Kelly was an excellent sight reader, and could memorize parts very quickly, as well as play pieces he had heard but not read before.

Several commentators have rated Kelly the best accompanist in jazz, including critic Ray Comiskey and music educator Mark Levine. Drummer Philly Joe Jones said that, as an accompanist, Kelly "puts down flowers behind a soloist. He never wanted to steal in. He just put together the right things." Pianist Bruce Barth pointed out that part of Kelly's success as an accompanist came from "occasional and compelling use of 'blues licks' and melodic phrases in place of chords." Pianist Sergio Pamies suggested that Kelly represents the bridge between the supportive comping of Red Garland and the conversational comping of Bill Evans.

==Legacy and influence==
In critic Gary Giddins' view:
Kelly was never able to exploit his gifts when he went out on his own. His quartet with Wes Montgomery should have developed into a major force, but the same commercial interests that shanghaied Montgomery saddled Kelly with the fashionable soul-funk of the mid-'60s. Unlike Montgomery, his career went nowhere, and he didn't live long enough to find himself again.

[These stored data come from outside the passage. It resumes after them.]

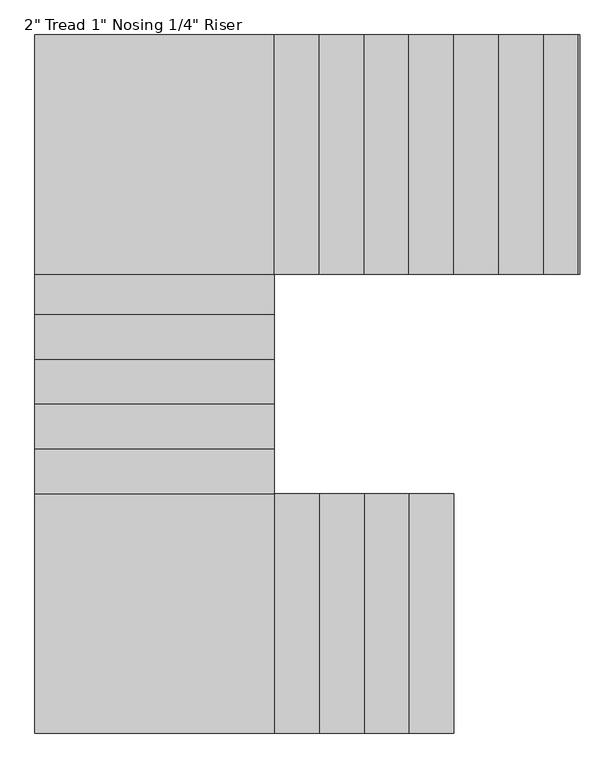
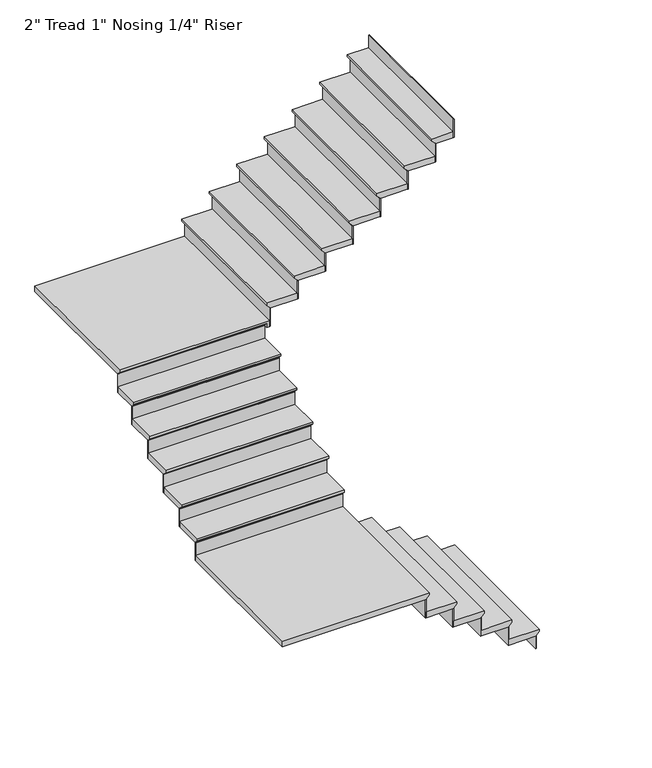
"""IFC4 building model written with IfcOpenShell, lengths in millimetres: stair flight geometry."""

from ifc_helpers import new_model, si_unit, origin, place, context, project, spatial, faceted_brep, source, transform, mapped, element, save


def stair_flight_d9589ae6(model_context):
    return source(origin(), model_context, "Body", "Brep", [
        faceted_brep([(-2683.1105391, -1521.8373761, 12790.5710526), (-2683.1105391, -1521.8373761, 12809.6210526), (-2683.1105391, -2741.0373761, 12809.6210526), (-2683.1105391, -2741.0373761, 12790.5710526), (-2708.5105391, -1521.8373761, 12765.1710526), (-2708.5105391, -2741.0373761, 12765.1710526), (-2937.1105391, -1521.8373761, 12809.6210526), (-2937.1105391, -2741.0373761, 12809.6210526), (-2708.5105391, -2741.0373761, 12758.8210526), (-2937.1105391, -2741.0373761, 12758.8210526), (-2937.1105391, -1521.8373761, 12758.8210526), (-2708.5105391, -1521.8373761, 12758.8210526)], [[[0, 1, 2, 3]], [[4, 0, 3, 5]], [[2, 1, 6, 7]], [[8, 9, 10, 11]], [[2, 7, 9, 8, 5, 3]], [[8, 11, 4, 5]], [[6, 1, 0, 4, 11, 10]], [[7, 6, 10, 9]]]),
        faceted_brep([(-2708.5105391, -1521.8373761, 12758.8210526), (-2708.5105391, -1521.8373761, 12649.2), (-2714.8605391, -1521.8373761, 12649.2), (-2714.8605391, -1521.8373761, 12758.8210526), (-2708.5105391, -2741.0373761, 12758.8210526), (-2714.8605391, -2741.0373761, 12758.8210526), (-2714.8605391, -2741.0373761, 12649.2), (-2708.5105391, -2741.0373761, 12649.2)], [[[0, 1, 2, 3]], [[4, 5, 6, 7]], [[1, 0, 4, 7]], [[2, 1, 7, 6]], [[3, 2, 6, 5]], [[0, 3, 5, 4]]]),
        faceted_brep([(-2937.1105391, -1521.8373761, 12919.2421053), (-2937.1105391, -1521.8373761, 12758.8210526), (-2943.4605391, -1521.8373761, 12758.8210526), (-2943.4605391, -1521.8373761, 12919.2421053), (-2937.1105391, -2741.0373761, 12919.2421053), (-2943.4605391, -2741.0373761, 12919.2421053), (-2943.4605391, -2741.0373761, 12758.8210526), (-2937.1105391, -2741.0373761, 12758.8210526)], [[[0, 1, 2, 3]], [[4, 5, 6, 7]], [[1, 0, 4, 7]], [[2, 1, 7, 6]], [[3, 2, 6, 5]], [[0, 3, 5, 4]]]),
        faceted_brep([(-2911.7105391, -2741.0373761, 12970.0421053), (-2911.7105391, -1521.8373761, 12970.0421053), (-3165.7105391, -1521.8373761, 12970.0421053), (-3165.7105391, -2741.0373761, 12970.0421053), (-2937.1105391, -2741.0373761, 12919.2421053), (-3165.7105391, -2741.0373761, 12919.2421053), (-3165.7105391, -1521.8373761, 12919.2421053), (-2937.1105391, -1521.8373761, 12919.2421053), (-2937.1105391, -2741.0373761, 12925.5921053), (-2911.7105391, -2741.0373761, 12950.9921053), (-2937.1105391, -1521.8373761, 12925.5921053), (-2911.7105391, -1521.8373761, 12950.9921053)], [[[0, 1, 2, 3]], [[4, 5, 6, 7]], [[0, 3, 5, 4, 8, 9]], [[4, 7, 10, 8]], [[2, 1, 11, 10, 7, 6]], [[3, 2, 6, 5]], [[11, 1, 0, 9]], [[10, 11, 9, 8]]]),
        faceted_brep([(-3165.7105391, -1521.8373761, 13079.6631579), (-3165.7105391, -1521.8373761, 12919.2421053), (-3172.0605391, -1521.8373761, 12919.2421053), (-3172.0605391, -1521.8373761, 13079.6631579), (-3165.7105391, -2741.0373761, 13079.6631579), (-3172.0605391, -2741.0373761, 13079.6631579), (-3172.0605391, -2741.0373761, 12919.2421053), (-3165.7105391, -2741.0373761, 12919.2421053)], [[[0, 1, 2, 3]], [[4, 5, 6, 7]], [[1, 0, 4, 7]], [[2, 1, 7, 6]], [[3, 2, 6, 5]], [[0, 3, 5, 4]]]),
        faceted_brep([(-3140.3105391, -2741.0373761, 13130.4631579), (-3140.3105391, -1521.8373761, 13130.4631579), (-3394.3105391, -1521.8373761, 13130.4631579), (-3394.3105391, -2741.0373761, 13130.4631579), (-3165.7105391, -2741.0373761, 13079.6631579), (-3394.3105391, -2741.0373761, 13079.6631579), (-3394.3105391, -1521.8373761, 13079.6631579), (-3165.7105391, -1521.8373761, 13079.6631579), (-3165.7105391, -2741.0373761, 13086.0131579), (-3140.3105391, -2741.0373761, 13111.4131579), (-3165.7105391, -1521.8373761, 13086.0131579), (-3140.3105391, -1521.8373761, 13111.4131579)], [[[0, 1, 2, 3]], [[4, 5, 6, 7]], [[0, 3, 5, 4, 8, 9]], [[4, 7, 10, 8]], [[2, 1, 11, 10, 7, 6]], [[3, 2, 6, 5]], [[11, 1, 0, 9]], [[10, 11, 9, 8]]]),
        faceted_brep([(-3394.3105391, -1521.8373761, 13240.0842105), (-3394.3105391, -1521.8373761, 13079.6631579), (-3400.6605391, -1521.8373761, 13079.6631579), (-3400.6605391, -1521.8373761, 13240.0842105), (-3394.3105391, -2741.0373761, 13240.0842105), (-3400.6605391, -2741.0373761, 13240.0842105), (-3400.6605391, -2741.0373761, 13079.6631579), (-3394.3105391, -2741.0373761, 13079.6631579)], [[[0, 1, 2, 3]], [[4, 5, 6, 7]], [[1, 0, 4, 7]], [[2, 1, 7, 6]], [[3, 2, 6, 5]], [[0, 3, 5, 4]]]),
        faceted_brep([(-3368.9105391, -2741.0373761, 13290.8842105), (-3368.9105391, -1521.8373761, 13290.8842105), (-3622.9105391, -1521.8373761, 13290.8842105), (-3622.9105391, -2741.0373761, 13290.8842105), (-3394.3105391, -2741.0373761, 13240.0842105), (-3622.9105391, -2741.0373761, 13240.0842105), (-3622.9105391, -1521.8373761, 13240.0842105), (-3394.3105391, -1521.8373761, 13240.0842105), (-3394.3105391, -2741.0373761, 13246.4342105), (-3368.9105391, -2741.0373761, 13271.8342105), (-3394.3105391, -1521.8373761, 13246.4342105), (-3368.9105391, -1521.8373761, 13271.8342105)], [[[0, 1, 2, 3]], [[4, 5, 6, 7]], [[0, 3, 5, 4, 8, 9]], [[4, 7, 10, 8]], [[2, 1, 11, 10, 7, 6]], [[3, 2, 6, 5]], [[11, 1, 0, 9]], [[10, 11, 9, 8]]]),
        faceted_brep([(-3622.9105391, -1521.8373761, 13400.5052632), (-3622.9105391, -1521.8373761, 13240.0842105), (-3629.2605391, -1521.8373761, 13240.0842105), (-3629.2605391, -1521.8373761, 13400.5052632), (-3622.9105391, -2741.0373761, 13400.5052632), (-3629.2605391, -2741.0373761, 13400.5052632), (-3629.2605391, -2741.0373761, 13240.0842105), (-3622.9105391, -2741.0373761, 13240.0842105)], [[[0, 1, 2, 3]], [[4, 5, 6, 7]], [[1, 0, 4, 7]], [[2, 1, 7, 6]], [[3, 2, 6, 5]], [[0, 3, 5, 4]]]),
        faceted_brep([(-4816.7105391, -1496.4373761, 13451.3052632), (-4816.7105391, -2741.0373761, 13451.3052632), (-3597.5105391, -2741.0373761, 13451.3052632), (-3597.5105391, -1496.4373761, 13451.3052632), (-4816.7105391, -2741.0373761, 13400.5052632), (-4816.7105391, -1496.4373761, 13400.5052632), (-3597.5105391, -1496.4373761, 13400.5052632), (-3597.5105391, -1521.8373761, 13400.5052632), (-3622.9105391, -1521.8373761, 13400.5052632), (-3622.9105391, -2741.0373761, 13400.5052632), (-3622.9105391, -2741.0373761, 13406.8552632), (-3597.5105391, -2741.0373761, 13432.2552632), (-3622.9105391, -1521.8373761, 13406.8552632), (-3597.5105391, -1521.8373761, 13432.2552632)], [[[0, 1, 2, 3]], [[4, 5, 6, 7, 8, 9]], [[1, 0, 5, 4]], [[2, 1, 4, 9, 10, 11]], [[9, 8, 12, 10]], [[8, 7, 13, 12]], [[3, 2, 11, 13, 7, 6]], [[0, 3, 6, 5]], [[11, 10, 12, 13]]]),
        faceted_brep([(-3597.5105391, -1496.4373761, 13560.9263158), (-3597.5105391, -1496.4373761, 13400.5052632), (-3597.5105391, -1490.0873761, 13400.5052632), (-3597.5105391, -1490.0873761, 13560.9263158), (-4816.7105391, -1496.4373761, 13560.9263158), (-4816.7105391, -1490.0873761, 13560.9263158), (-4816.7105391, -1490.0873761, 13400.5052632), (-4816.7105391, -1496.4373761, 13400.5052632)], [[[0, 1, 2, 3]], [[4, 5, 6, 7]], [[1, 0, 4, 7]], [[2, 1, 7, 6]], [[3, 2, 6, 5]], [[0, 3, 5, 4]]]),
        faceted_brep([(-4816.7105391, -1521.8373761, 13611.7263158), (-3597.5105391, -1521.8373761, 13611.7263158), (-3597.5105391, -1267.8373761, 13611.7263158), (-4816.7105391, -1267.8373761, 13611.7263158), (-4816.7105391, -1496.4373761, 13560.9263158), (-4816.7105391, -1267.8373761, 13560.9263158), (-3597.5105391, -1267.8373761, 13560.9263158), (-3597.5105391, -1496.4373761, 13560.9263158), (-4816.7105391, -1496.4373761, 13567.2763158), (-4816.7105391, -1521.8373761, 13592.6763158), (-3597.5105391, -1496.4373761, 13567.2763158), (-3597.5105391, -1521.8373761, 13592.6763158)], [[[0, 1, 2, 3]], [[4, 5, 6, 7]], [[0, 3, 5, 4, 8, 9]], [[4, 7, 10, 8]], [[2, 1, 11, 10, 7, 6]], [[3, 2, 6, 5]], [[11, 1, 0, 9]], [[10, 11, 9, 8]]]),
        faceted_brep([(-3597.5105391, -1267.8373761, 13721.3473684), (-3597.5105391, -1267.8373761, 13560.9263158), (-3597.5105391, -1261.4873761, 13560.9263158), (-3597.5105391, -1261.4873761, 13721.3473684), (-4816.7105391, -1267.8373761, 13721.3473684), (-4816.7105391, -1261.4873761, 13721.3473684), (-4816.7105391, -1261.4873761, 13560.9263158), (-4816.7105391, -1267.8373761, 13560.9263158)], [[[0, 1, 2, 3]], [[4, 5, 6, 7]], [[1, 0, 4, 7]], [[2, 1, 7, 6]], [[3, 2, 6, 5]], [[0, 3, 5, 4]]]),
        faceted_brep([(-4816.7105391, -1293.2373761, 13772.1473684), (-3597.5105391, -1293.2373761, 13772.1473684), (-3597.5105391, -1039.2373761, 13772.1473684), (-4816.7105391, -1039.2373761, 13772.1473684), (-4816.7105391, -1267.8373761, 13721.3473684), (-4816.7105391, -1039.2373761, 13721.3473684), (-3597.5105391, -1039.2373761, 13721.3473684), (-3597.5105391, -1267.8373761, 13721.3473684), (-4816.7105391, -1267.8373761, 13727.6973684), (-4816.7105391, -1293.2373761, 13753.0973684), (-3597.5105391, -1267.8373761, 13727.6973684), (-3597.5105391, -1293.2373761, 13753.0973684)], [[[0, 1, 2, 3]], [[4, 5, 6, 7]], [[0, 3, 5, 4, 8, 9]], [[4, 7, 10, 8]], [[2, 1, 11, 10, 7, 6]], [[3, 2, 6, 5]], [[11, 1, 0, 9]], [[10, 11, 9, 8]]]),
        faceted_brep([(-3597.5105391, -1039.2373761, 13881.7684211), (-3597.5105391, -1039.2373761, 13721.3473684), (-3597.5105391, -1032.8873761, 13721.3473684), (-3597.5105391, -1032.8873761, 13881.7684211), (-4816.7105391, -1039.2373761, 13881.7684211), (-4816.7105391, -1032.8873761, 13881.7684211), (-4816.7105391, -1032.8873761, 13721.3473684), (-4816.7105391, -1039.2373761, 13721.3473684)], [[[0, 1, 2, 3]], [[4, 5, 6, 7]], [[1, 0, 4, 7]], [[2, 1, 7, 6]], [[3, 2, 6, 5]], [[0, 3, 5, 4]]]),
        faceted_brep([(-4816.7105391, -1064.6373761, 13932.5684211), (-3597.5105391, -1064.6373761, 13932.5684211), (-3597.5105391, -810.6373761, 13932.5684211), (-4816.7105391, -810.6373761, 13932.5684211), (-4816.7105391, -1039.2373761, 13881.7684211), (-4816.7105391, -810.6373761, 13881.7684211), (-3597.5105391, -810.6373761, 13881.7684211), (-3597.5105391, -1039.2373761, 13881.7684211), (-4816.7105391, -1039.2373761, 13888.1184211), (-4816.7105391, -1064.6373761, 13913.5184211), (-3597.5105391, -1039.2373761, 13888.1184211), (-3597.5105391, -1064.6373761, 13913.5184211)], [[[0, 1, 2, 3]], [[4, 5, 6, 7]], [[0, 3, 5, 4, 8, 9]], [[4, 7, 10, 8]], [[2, 1, 11, 10, 7, 6]], [[3, 2, 6, 5]], [[11, 1, 0, 9]], [[10, 11, 9, 8]]]),
        faceted_brep([(-3597.5105391, -810.6373761, 14042.1894737), (-3597.5105391, -810.6373761, 13881.7684211), (-3597.5105391, -804.2873761, 13881.7684211), (-3597.5105391, -804.2873761, 14042.1894737), (-4816.7105391, -810.6373761, 14042.1894737), (-4816.7105391, -804.2873761, 14042.1894737), (-4816.7105391, -804.2873761, 13881.7684211), (-4816.7105391, -810.6373761, 13881.7684211)], [[[0, 1, 2, 3]], [[4, 5, 6, 7]], [[1, 0, 4, 7]], [[2, 1, 7, 6]], [[3, 2, 6, 5]], [[0, 3, 5, 4]]]),
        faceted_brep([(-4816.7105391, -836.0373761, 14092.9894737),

Writer David Rosenthal commented: "Kelly seemed unable to escape being typecast as a sideman".

Kelly's style of playing has been an influence on numerous pianists, beginning in the 1960s. Among those to cite him directly as an influence are Monty Alexander, Chick Corea, Brad Mehldau, and Chucho Valdés. Pamies suggested that Kelly's comping had a direct influence on Herbie Hancock and McCoy Tyner. Pianists Dan Nimmer and Willie Pickens have recorded tribute albums to Kelly.

The trumpeter Wynton Marsalis (born 1961) was named after Kelly.